Remediation: Ansible Playbook Hangs, SSH Agent Forwarding Broken, Root Cause Is Firewall Rule¶
Immediate Fix (Networking — Domain C)¶
The fix requires updating the security group to allow SSH to the tools subnet, and fixing the sudoers configuration.
Step 1: Update the security group¶
$ aws ec2 authorize-security-group-egress \
--group-id sg-0abc123 \
--protocol tcp \
--port 22 \
--cidr 10.0.5.0/24 \
--description "Allow SSH to tools subnet (GitLab)"
Step 2: Verify connectivity¶
$ ssh deploy@app-server-03 "nc -zv gitlab.internal 22 -w 5"
Connection to gitlab.internal (10.0.5.100) 22 port [tcp/ssh] succeeded!
Step 3: Fix the sudoers configuration¶
# On app-server-03
$ sudo tee /etc/sudoers.d/ansible <<'EOF'
Defaults env_keep += "SSH_AUTH_SOCK"
EOF
$ sudo chmod 440 /etc/sudoers.d/ansible
Or via Ansible itself:
$ ansible app-server-03 -m copy -a "content='Defaults env_keep += \"SSH_AUTH_SOCK\"\n' dest=/etc/sudoers.d/ansible mode=0440" --become
Step 4: Re-run the playbook¶
$ ansible-playbook devops/ansible/playbooks/rolling-update.yml --limit app-server-03
PLAY RECAP ****
app-server-03 : ok=12 changed=5 unreachable=0 failed=0
Step 5: Update the provisioning template¶
# In the Terraform/CloudFormation template for new servers,
# ensure the security group includes the tools subnet egress rule
# and the user-data script includes the sudoers SSH_AUTH_SOCK preservation
Verification¶
Domain A (DevOps Tooling) — Playbook completes¶
$ ansible-playbook devops/ansible/playbooks/rolling-update.yml --check
PLAY RECAP ****
app-server-01 : ok=12 changed=0 unreachable=0 failed=0
app-server-02 : ok=12 changed=0 unreachable=0 failed=0
app-server-03 : ok=12 changed=0 unreachable=0 failed=0
Domain B (Linux Ops) — SSH agent forwarding works with sudo¶
$ ssh -A deploy@app-server-03 "sudo -u deploy ssh-add -l"
4096 SHA256:abc123... /home/ansible/.ssh/id_ed25519 (ED25519)
Domain C (Networking) — Firewall allows SSH to tools subnet¶
$ aws ec2 describe-security-groups --group-ids sg-0abc123 \
--query 'SecurityGroups[].IpPermissions[?ToPort==`22`]' --output table
| FromPort | ToPort | IpProtocol | CidrIp |
| 22 | 22 | tcp | 10.0.1.0/24 |
| 22 | 22 | tcp | 10.0.5.0/24 |
Prevention¶
- Monitoring: Add connectivity checks as part of the Ansible playbook pre-flight.

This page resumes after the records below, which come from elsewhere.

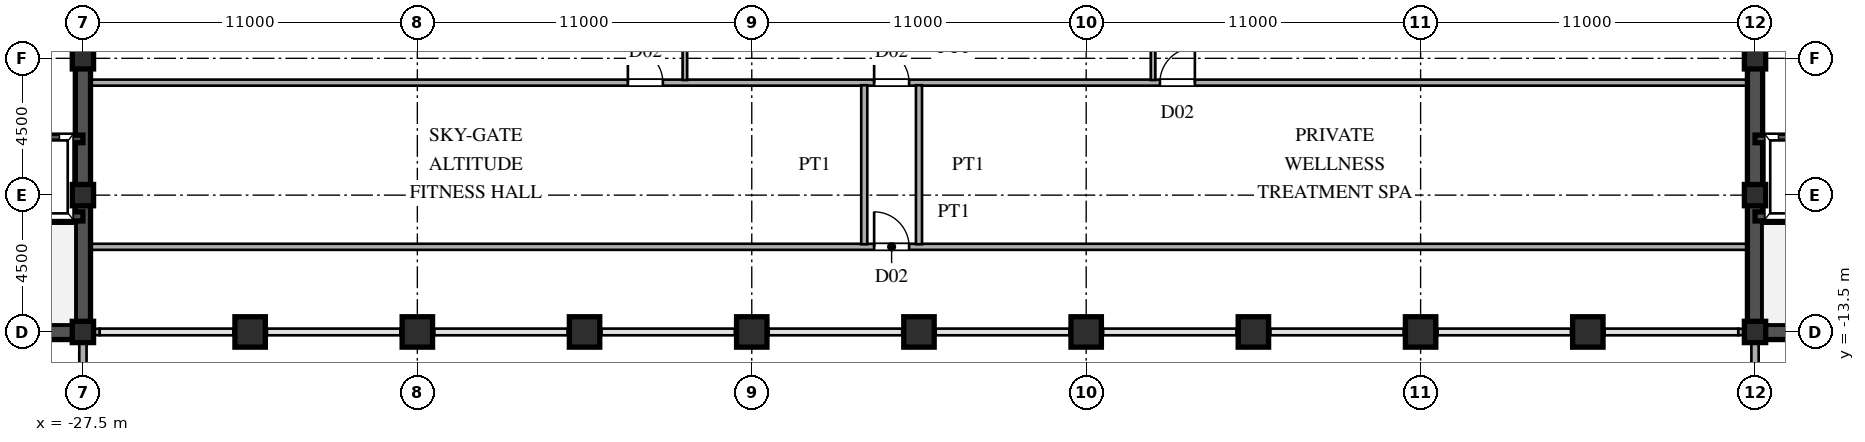
"""IFC4 building model, lengths in metres.
Left out: names, types, materials, properties, quantities, classifications, styles, units other than length and angle.
Written with IfcOpenShell. Run it as: python <this file> out.ifc"""

import sys

from ifc_helpers import new_model, si_unit, direction, frame, frame_2d, origin, origin_2d, place, context, subcontext, project, spatial, rectangle, hollow_rectangle, extrude, source, transform, mapped, element, fill, save


model = new_model("IFC4")
c1 = context("Model", 3, precision=1e-05, world=origin(), true_north=direction((0.0, 1.0)))
c2 = subcontext(c1, "Body", "Model", "MODEL_VIEW")
j1 = project(units=[si_unit("LENGTHUNIT", "METRE"), si_unit("PLANEANGLEUNIT", "RADIAN")], contexts=[c1])
p1 = place(None, origin())
s1 = spatial("IfcSite", under=j1, at=p1, CompositionType="ELEMENT")
p2 = place(p1, origin())
s2 = spatial("IfcBuilding", under=s1, at=p2, CompositionType="ELEMENT")
p3 = place(p2, frame((0.0, 0.0, 234.6)))
s3 = spatial("IfcBuildingStorey", under=s2, at=p3, CompositionType="ELEMENT", Elevation=234.6)
m1 = source(origin(), c2, "Body", "SweptSolid", [
    extrude(hollow_rectangle(XDim=0.7, YDim=0.7, WallThickness=0.03, at=origin_2d()), origin(), (0.0, 0.0, 1.0), 4.8),
])
for number, where, z_axis, x_axis in (
    (1, (-27.5, -13.5, 0.0), (0.0, 0.0, 1.0), (1.0, 0.0, 0.0)),
    (2, (-27.5, -9.0, 0.0), (0.0, 0.0, 1.0), (1.0, 0.0, 0.0)),
    (3, (-27.5, -4.5, 0.0), (0.0, 0.0, 1.0), (1.0, 0.0, 0.0)),
    (4, (27.5, -13.5, 0.0), (0.0, 0.0, 1.0), (1.0, 0.0, 0.0)),
    (5, (27.5, -9.0, 0.0), (0.0, 0.0, 1.0), (1.0, 0.0, 0.0)),
    (6, (27.5, -4.5, 0.0), (0.0, 0.0, 1.0), (1.0, 0.0, 0.0)),
):
    element("IfcColumn", number, at=place(p3, frame(where, z_axis=z_axis, x_axis=x_axis)), inside=s3, PredefinedType="COLUMN", context=c2, shape_type="MappedRepresentation", body=[
        mapped(m1, transform((0.0, 0.0, 0.0), scale=1.0)),
    ])
m2 = source(origin(), c2, "Body", "SweptSolid", [
    extrude(hollow_rectangle(XDim=1.0, YDim=1.0, WallThickness=0.042, at=origin_2d()), origin(), (0.0, 0.0, 1.0), 4.8),
])
for number, where, z_axis, x_axis in (
    (7, (-22.0, -13.5, 0.0), (0.0, 0.0, 1.0), (1.0, 0.0, 0.0)),
    (8, (-16.5, -13.5, 0.0), (0.0, 0.0, 1.0), (1.0, 0.0, 0.0)),
    (9, (-11.0, -13.5, 0.0), (0.0, 0.0, 1.0), (1.0, 0.0, 0.0)),
    (10, (-5.5, -13.5, 0.0), (0.0, 0.0, 1.0), (1.0, 0.0, 0.0)),
    (11, (0.0, -13.5, 0.0), (0.0, 0.0, 1.0), (1.0, 0.0, 0.0)),
    (12, (5.5, -13.5, 0.0), (0.0, 0.0, 1.0), (1.0, 0.0, 0.0)),
    (13, (11.0, -13.5, 0.0), (0.0, 0.0, 1.0), (1.0, 0.0, 0.0)),
    (14, (16.5, -13.5, 0.0), (0.0, 0.0, 1.0), (1.0, 0.0, 0.0)),
    (15, (22.0, -13.5, 0.0), (0.0, 0.0, 1.0), (1.0, 0.0, 0.0)),
):
    element("IfcColumn", number, at=place(p3, frame(where, z_axis=z_axis, x_axis=x_axis)), inside=s3, PredefinedType="COLUMN", context=c2, shape_type="MappedRepresentation", body=[
        mapped(m2, transform((0.0, 0.0, 0.0), scale=1.0)),
    ])
p4 = place(p3, frame((-27.5, -15.98, 0.0), z_axis=(0.0, 0.0, 1.0), x_axis=(0.0, 1.0, 0.0)))
e16 = element("IfcWall", 16, at=p4, inside=s3, PredefinedType="SOLIDWALL", context=c2, shape_type="SweptSolid", body=[
    extrude(rectangle(XDim=1.605, YDim=0.24, at=frame_2d((0.803, 0.0))), origin(), (0.0, 0.0, 1.0), 4.58),
])
p5 = place(p3, frame((-27.5, -14.375, 0.0), z_axis=(0.0, 0.0, 1.0), x_axis=(0.0, 1.0, 0.0)))
e17 = element("IfcWall", 17, at=p5, inside=s3, PredefinedType="SOLIDWALL", context=c2, shape_type="SweptSolid", body=[
    extrude(rectangle(XDim=0.62, YDim=0.24, at=frame_2d((0.31, 0.0))), origin(), (0.0, 0.0, 1.0), 4.08),
])
p6 = place(p3, frame((27.5, -15.98, 0.0), z_axis=(0.0, 0.0, 1.0), x_axis=(0.0, 1.0, 0.0)))
e18 = element("IfcWall", 18, at=p6, inside=s3, PredefinedType="SOLIDWALL", context=c2, shape_type="SweptSolid", body=[
    extrude(rectangle(XDim=1.605, YDim=0.24, at=frame_2d((0.803, 0.0))), origin(), (0.0, 0.0, 1.0), 4.58),
])
p7 = place(p3, frame((27.5, -14.375, 0.0), z_axis=(0.0, 0.0, 1.0), x_axis=(0.0, 1.0, 0.0)))
e19 = element("IfcWall", 19, at=p7, inside=s3, PredefinedType="SOLIDWALL", context=c2, shape_type="SweptSolid", body=[
    extrude(rectangle(XDim=0.62, YDim=0.24, at=frame_2d((0.31, 0.0))), origin(), (0.0, 0.0, 1.0), 4.08),
])
p8 = place(p3, frame((-27.49, -13.5, 0.0), z_axis=(0.0, 0.0, 1.0), x_axis=(1.0, 0.0, 0.0)))
e20 = element("IfcWall", 20, at=p8, inside=s3, PredefinedType="SOLIDWALL", context=c2, shape_type="SweptSolid", body=[
    extrude(rectangle(XDim=0.54, YDim=0.21, at=frame_2d((0.27, 0.0))), origin(), (0.0, 0.0, 1.0), 2.78),
])
for number, where, z_axis, x_axis in (
    (21, (-22.55, -13.5, 0.0), (0.0, 0.0, 1.0), (1.0, 0.0, 0.0)),
    (22, (-17.05, -13.5, 0.0), (0.0, 0.0, 1.0), (1.0, 0.0, 0.0)),
    (23, (-11.55, -13.5, 0.0), (0.0, 0.0, 1.0), (1.0, 0.0, 0.0)),
    (24, (-6.05, -13.5, 0.0), (0.0, 0.0, 1.0), (1.0, 0.0, 0.0)),
    (25, (-0.55, -13.5, 0.0), (0.0, 0.0, 1.0), (1.0, 0.0, 0.0)),
    (26, (4.95, -13.5, 0.0), (0.0, 0.0, 1.0), (1.0, 0.0, 0.0)),
    (27, (10.45, -13.5, 0.0), (0.0, 0.0, 1.0), (1.0, 0.0, 0.0)),
    (28, (15.95, -13.5, 0.0), (0.0, 0.0, 1.0), (1.0, 0.0, 0.0)),
    (29, (21.45, -13.5, 0.0), (0.0, 0.0, 1.0), (1.0, 0.0, 0.0)),
):
    element("IfcWall", number, at=place(p3, frame(where, z_axis=z_axis, x_axis=x_axis)), inside=s3, PredefinedType="SOLIDWALL", context=c2, shape_type="SweptSolid", body=[
        extrude(rectangle(XDim=1.1, YDim=0.21, at=frame_2d((0.55, 0.0))), origin(), (0.0, 0.0, 1.0), 2.78),
    ])
p9 = place(p3, frame((26.95, -13.5, 0.0), z_axis=(0.0, 0.0, 1.0), x_axis=(1.0, 0.0, 0.0)))
e30 = element("IfcWall", 30, at=p9, inside=s3, PredefinedType="SOLIDWALL", context=c2, shape_type="SweptSolid", body=[
    extrude(rectangle(XDim=0.54, YDim=0.21, at=frame_2d((0.27, 0.0))), origin(), (0.0, 0.0, 1.0), 2.78),
])
p10 = place(p3, frame((-27.5, -13.5, 0.0), z_axis=(0.0, 0.0, 1.0), x_axis=(0.0, 1.0, 0.0)))
e31 = element("IfcWall", 31, at=p10, inside=s3, PredefinedType="SHEAR", context=c2, shape_type="SweptSolid", body=[
    extrude(rectangle(XDim=12.2, YDim=0.5, at=frame_2d((6.1, 0.0))), origin(), (0.0, 0.0, 1.0), 4.58),
])
p11 = place(p3, frame((-36.5, -13.5, 0.0), z_axis=(0.0, 0.0, 1.0), x_axis=(1.0, 0.0, 0.0)))
e32 = element("IfcWall", 32, at=p11, inside=s3, PredefinedType="SHEAR", context=c2, shape_type="SweptSolid", body=[
    extrude(rectangle(XDim=9.0, YDim=0.5, at=frame_2d((4.5, 0.0))), origin(), (0.0, 0.0, 1.0), 4.58),
])
p12 = place(p3, frame((-36.5, -9.7, 0.0), z_axis=(0.0, 0.0, 1.0), x_axis=(1.0, 0.0, 0.0)))
e33 = element("IfcWall", 33, at=p12, inside=s3, PredefinedType="SHEAR", context=c2, shape_type="SweptSolid", body=[
    extrude(rectangle(XDim=9.0, YDim=0.3, at=frame_2d((4.5, 0.0))), origin(), (0.0, 0.0, 1.0), 4.58),
])
p13 = place(p12, frame((0.6, 0.0, 0.0)))
e34 = element("IfcOpeningElement", 34, at=p13, cuts=e33, PredefinedType="OPENING", context=c2, shape_type="SweptSolid", body=[
    extrude(rectangle(XDim=1.1, YDim=2.2, at=frame_2d((0.55, 1.1))), frame((0.0, 0.16, 0.0), z_axis=(0.0, -1.0, 0.0), x_axis=(1.0, 0.0, 0.0)), (0.0, 0.0, 1.0), 0.32),
])
p14 = place(p3, frame((-30.3, -7.15, 0.0), z_axis=(0.0, 0.0, 1.0), x_axis=(1.0, 0.0, 0.0)))
e35 = element("IfcWall", 35, at=p14, inside=s3, PredefinedType="SHEAR", context=c2, shape_type="SweptSolid", body=[
    extrude(rectangle(XDim=2.8, YDim=0.25, at=frame_2d((1.4, 0.0))), origin(), (0.0, 0.0, 1.0), 4.58),
])
p15 = place(p3, frame((27.5, -13.5, 0.0), z_axis=(0.0, 0.0, 1.0), x_axis=(0.0, 1.0, 0.0)))
e36 = element("IfcWall", 36, at=p15, inside=s3, PredefinedType="SHEAR", context=c2, shape_type="SweptSolid", body=[
    extrude(rectangle(XDim=12.2, YDim=0.5, at=frame_2d((6.1, 0.0))), origin(), (0.0, 0.0, 1.0), 4.58),
])
p16 = place(p3, frame((27.5, -13.5, 0.0), z_axis=(0.0, 0.0, 1.0), x_axis=(1.0, 0.0, 0.0)))
e37 = element("IfcWall", 37, at=p16, inside=s3, PredefinedType="SHEAR", context=c2, shape_type="SweptSolid", body=[
    extrude(rectangle(XDim=9.0, YDim=0.5, at=frame_2d((4.5, 0.0))), origin(), (0.0, 0.0, 1.0), 4.58),
])
p17 = place(p3, frame((27.5, -9.7, 0.0), z_axis=(0.0, 0.0, 1.0), x_axis=(1.0, 0.0, 0.0)))
e38 = element("IfcWall", 38, at=p17, inside=s3, PredefinedType="SHEAR", context=c2, shape_type="SweptSolid", body=[
    extrude(rectangle(XDim=9.0, YDim=0.3, at=frame_2d((4.5, 0.0))), origin(), (0.0, 0.0, 1.0), 4.58),
])
p18 = place(p17, frame((7.3, 0.0, 0.0)))
e39 = element("IfcOpeningElement", 39, at=p18, cuts=e38, PredefinedType="OPENING", context=c2, shape_type="SweptSolid", body=[
    extrude(rectangle(XDim=1.1, YDim=2.2, at=frame_2d((0.55, 1.1))), frame((0.0, 0.16, 0.0), z_axis=(0.0, -1.0, 0.0), x_axis=(1.0, 0.0, 0.0)), (0.0, 0.0, 1.0), 0.32),
])
p19 = place(p3, frame((27.5, -7.15, 0.0), z_axis=(0.0, 0.0, 1.0), x_axis=(1.0, 0.0, 0.0)))
e40 = element("IfcWall", 40, at=p19, inside=s3, PredefinedType="SHEAR", context=c2, shape_type="SweptSolid", body=[
    extrude(rectangle(XDim=2.8, YDim=0.25, at=frame_2d((1.4, 0.0))), origin(), (0.0, 0.0, 1.0), 4.58),
])
p20 = place(p3, frame((-27.245, -10.7, 0.0), z_axis=(0.0, 0.0, 1.0), x_axis=(1.0, 0.0, 0.0)))
e41 = element("IfcWall", 41, at=p20, inside=s3, PredefinedType="PARTITIONING", context=c2, shape_type="SweptSolid", body=[
    extrude(rectangle(XDim=54.49, YDim=0.2, at=frame_2d((27.245, 0.0))), origin(), (0.0, 0.0, 1.0), 4.58),
])
p21 = place(p20, frame((25.77, 0.0, 0.0)))
e42 = element("IfcOpeningElement", 42, at=p21, cuts=e41, PredefinedType="OPENING", context=c2, shape_type="SweptSolid", body=[
    extrude(rectangle(XDim=1.15, YDim=2.2, at=frame_2d((0.575, 1.1))), frame((0.0, 0.11, 0.0), z_axis=(0.0, -1.0, 0.0), x_axis=(1.0, 0.0, 0.0)), (0.0, 0.0, 1.0), 0.22),
])
p22 = place(p3, frame((-27.245, -5.3, 0.0), z_axis=(0.0, 0.0, 1.0), x_axis=(1.0, 0.0, 0.0)))
e43 = element("IfcWall", 43, at=p22, inside=s3, PredefinedType="PARTITIONING", context=c2, shape_type="SweptSolid", body=[
    extrude(rectangle(XDim=54.49, YDim=0.2, at=frame_2d((27.245, 0.0))), origin(), (0.0, 0.0, 1.0), 4.58),
])
p23 = place(p22, frame((25.77, 0.0, 0.0)))
e44 = element("IfcOpeningElement", 44, at=p23, cuts=e43, PredefinedType="OPENING", context=c2, shape_type="SweptSolid", body=[
    extrude(rectangle(XDim=1.15, YDim=2.2, at=frame_2d((0.575, 1.1))), frame((0.0, 0.11, 0.0), z_axis=(0.0, -1.0, 0.0), x_axis=(1.0, 0.0, 0.0)), (0.0, 0.0, 1.0), 0.22),
])
p24 = place(p22, frame((17.67, 0.0, 0.0)))
e45 = element("IfcOpeningElement", 45, at=p24, cuts=e43, PredefinedType="OPENING", context=c2, shape_type="SweptSolid", body=[
    extrude(rectangle(XDim=1.15, YDim=2.2, at=frame_2d((0.575, 1.1))), frame((0.0, 0.11, 0.0), z_axis=(0.0, -1.0, 0.0), x_axis=(1.0, 0.0, 0.0)), (0.0, 0.0, 1.0), 0.22),
])
p25 = place(p22, frame((35.17, 0.0, 0.0)))
e46 = element("IfcOpeningElement", 46, at=p25, cuts=e43, PredefinedType="OPENING", context=c2, shape_type="SweptSolid", body=[
    extrude(rectangle(XDim=1.15, YDim=2.2, at=frame_2d((0.575, 1.1))), frame((0.0, 0.11, 0.0), z_axis=(0.0, -1.0, 0.0), x_axis=(1.0, 0.0, 0.0)), (0.0, 0.0, 1.0), 0.22),
])
p26 = place(p3, frame((-7.7, -5.215, 0.0), z_axis=(0.0, 0.0, 1.0), x_axis=(0.0, 1.0, 0.0)))
e47 = element("IfcWall", 47, at=p26, inside=s3, PredefinedType="PARTITIONING", context=c2, shape_type="SweptSolid", body=[
    extrude(rectangle(XDim=3.78, YDim=0.15, at=frame_2d((1.89, 0.0))), origin(), (0.0, 0.0, 1.0), 4.58),
])
p27 = place(p3, frame((-1.8, -10.615, 0.0), z_axis=(0.0, 0.0, 1.0), x_axis=(0.0, 1.0, 0.0)))
e48 = element("IfcWall", 48, at=p27, inside=s3, PredefinedType="PARTITIONING", context=c2, shape_type="SweptSolid", body=[
    extrude(rectangle(XDim=5.23, YDim=0.2, at=frame_2d((2.615, 0.0))), origin(), (0.0, 0.0, 1.0), 4.58),
])
p28 = place(p3, frame((0.0, -10.615, 0.0), z_axis=(0.0, 0.0, 1.0), x_axis=(0.0, 1.0, 0.0)))
e49 = element("IfcWall", 49, at=p28, inside=s3, PredefinedType="PARTITIONING", context=c2, shape_type="SweptSolid", body=[
    extrude(rectangle(XDim=5.23, YDim=0.2, at=frame_2d((2.615, 0.0))), origin(), (0.0, 0.0, 1.0), 3.48),
])
p29 = place(p3, frame((7.7, -5.215, 0.0), z_axis=(0.0, 0.0, 1.0), x_axis=(0.0, 1.0, 0.0)))
e50 = element("IfcWall", 50, at=p29, inside=s3, PredefinedType="PARTITIONING", context=c2, shape_type="SweptSolid", body=[
    extrude(rectangle(XDim=3.78, YDim=0.15, at=frame_2d((1.89, 0.0))), origin(), (0.0, 0.0, 1.0), 4.58),
])
m3 = source(origin(), c2, "Body", "SweptSolid", [
    extrude(rectangle(XDim=1.15, YDim=2.2, at=frame_2d((0.575, 1.1))), frame((0.0, 0.025, 0.0), z_axis=(0.0, -1.0, 0.0), x_axis=(1.0, 0.0, 0.0)), (0.0, 0.0, 1.0), 0.05),
])
p30 = place(p21, origin())
e51 = element("IfcDoor", 51, at=p30, inside=s3, OperationType="SINGLE_SWING_LEFT", PredefinedType="DOOR", context=c2, shape_type="MappedRepresentation", body=[
    mapped(m3, transform((0.0, 0.0, 0.0), scale=1.0)),
])
fill(e42, e51)
p31 = place(p23, origin())
e52 = element("IfcDoor", 52, at=p31, inside=s3, OperationType="SINGLE_SWING_LEFT", PredefinedType="DOOR", context=c2, shape_type="MappedRepresentation", body=[
    mapped(m3, transform((0.0, 0.0, 0.0), scale=1.0)),
])
fill(e44, e52)
p32 = place(p24, origin())
e53 = element("IfcDoor", 53, at=p32, inside=s3, OperationType="SINGLE_SWING_LEFT", PredefinedType="DOOR", context=c2, shape_type="MappedRepresentation", body=[
    mapped(m3, transform((0.0, 0.0, 0.0), scale=1.0)),
])
fill(e45, e53)
p33 = place(p25, origin())
e54 = element("IfcDoor", 54, at=p33, inside=s3, OperationType="SINGLE_SWING_RIGHT", PredefinedType="DOOR", context=c2, shape_type="MappedRepresentation", body=[
    mapped(m3, transform((0.0, 0.0, 0.0), scale=1.0)),
])
fill(e46, e54)
save(model, sys.argv[1])

Test SSH to all required internal services before starting the main tasks.
- name: Pre-flight — verify connectivity to GitLab
wait_for:
host: gitlab.internal
port: 22
timeout: 10
delegate_to: "{{ inventory_hostname }}"
-
Runbook: New server provisioning must include security group verification against a known-good template. Document all required egress rules (SSH to GitLab, HTTP to package repos, HTTPS to monitoring).
-
Architecture: Use a deploy key stored on each server (via Vault or Secrets Manager) instead of SSH agent forwarding. This eliminates the agent forwarding dependency and the sudoers issue. Alternatively, use HTTPS with a token for Git operations.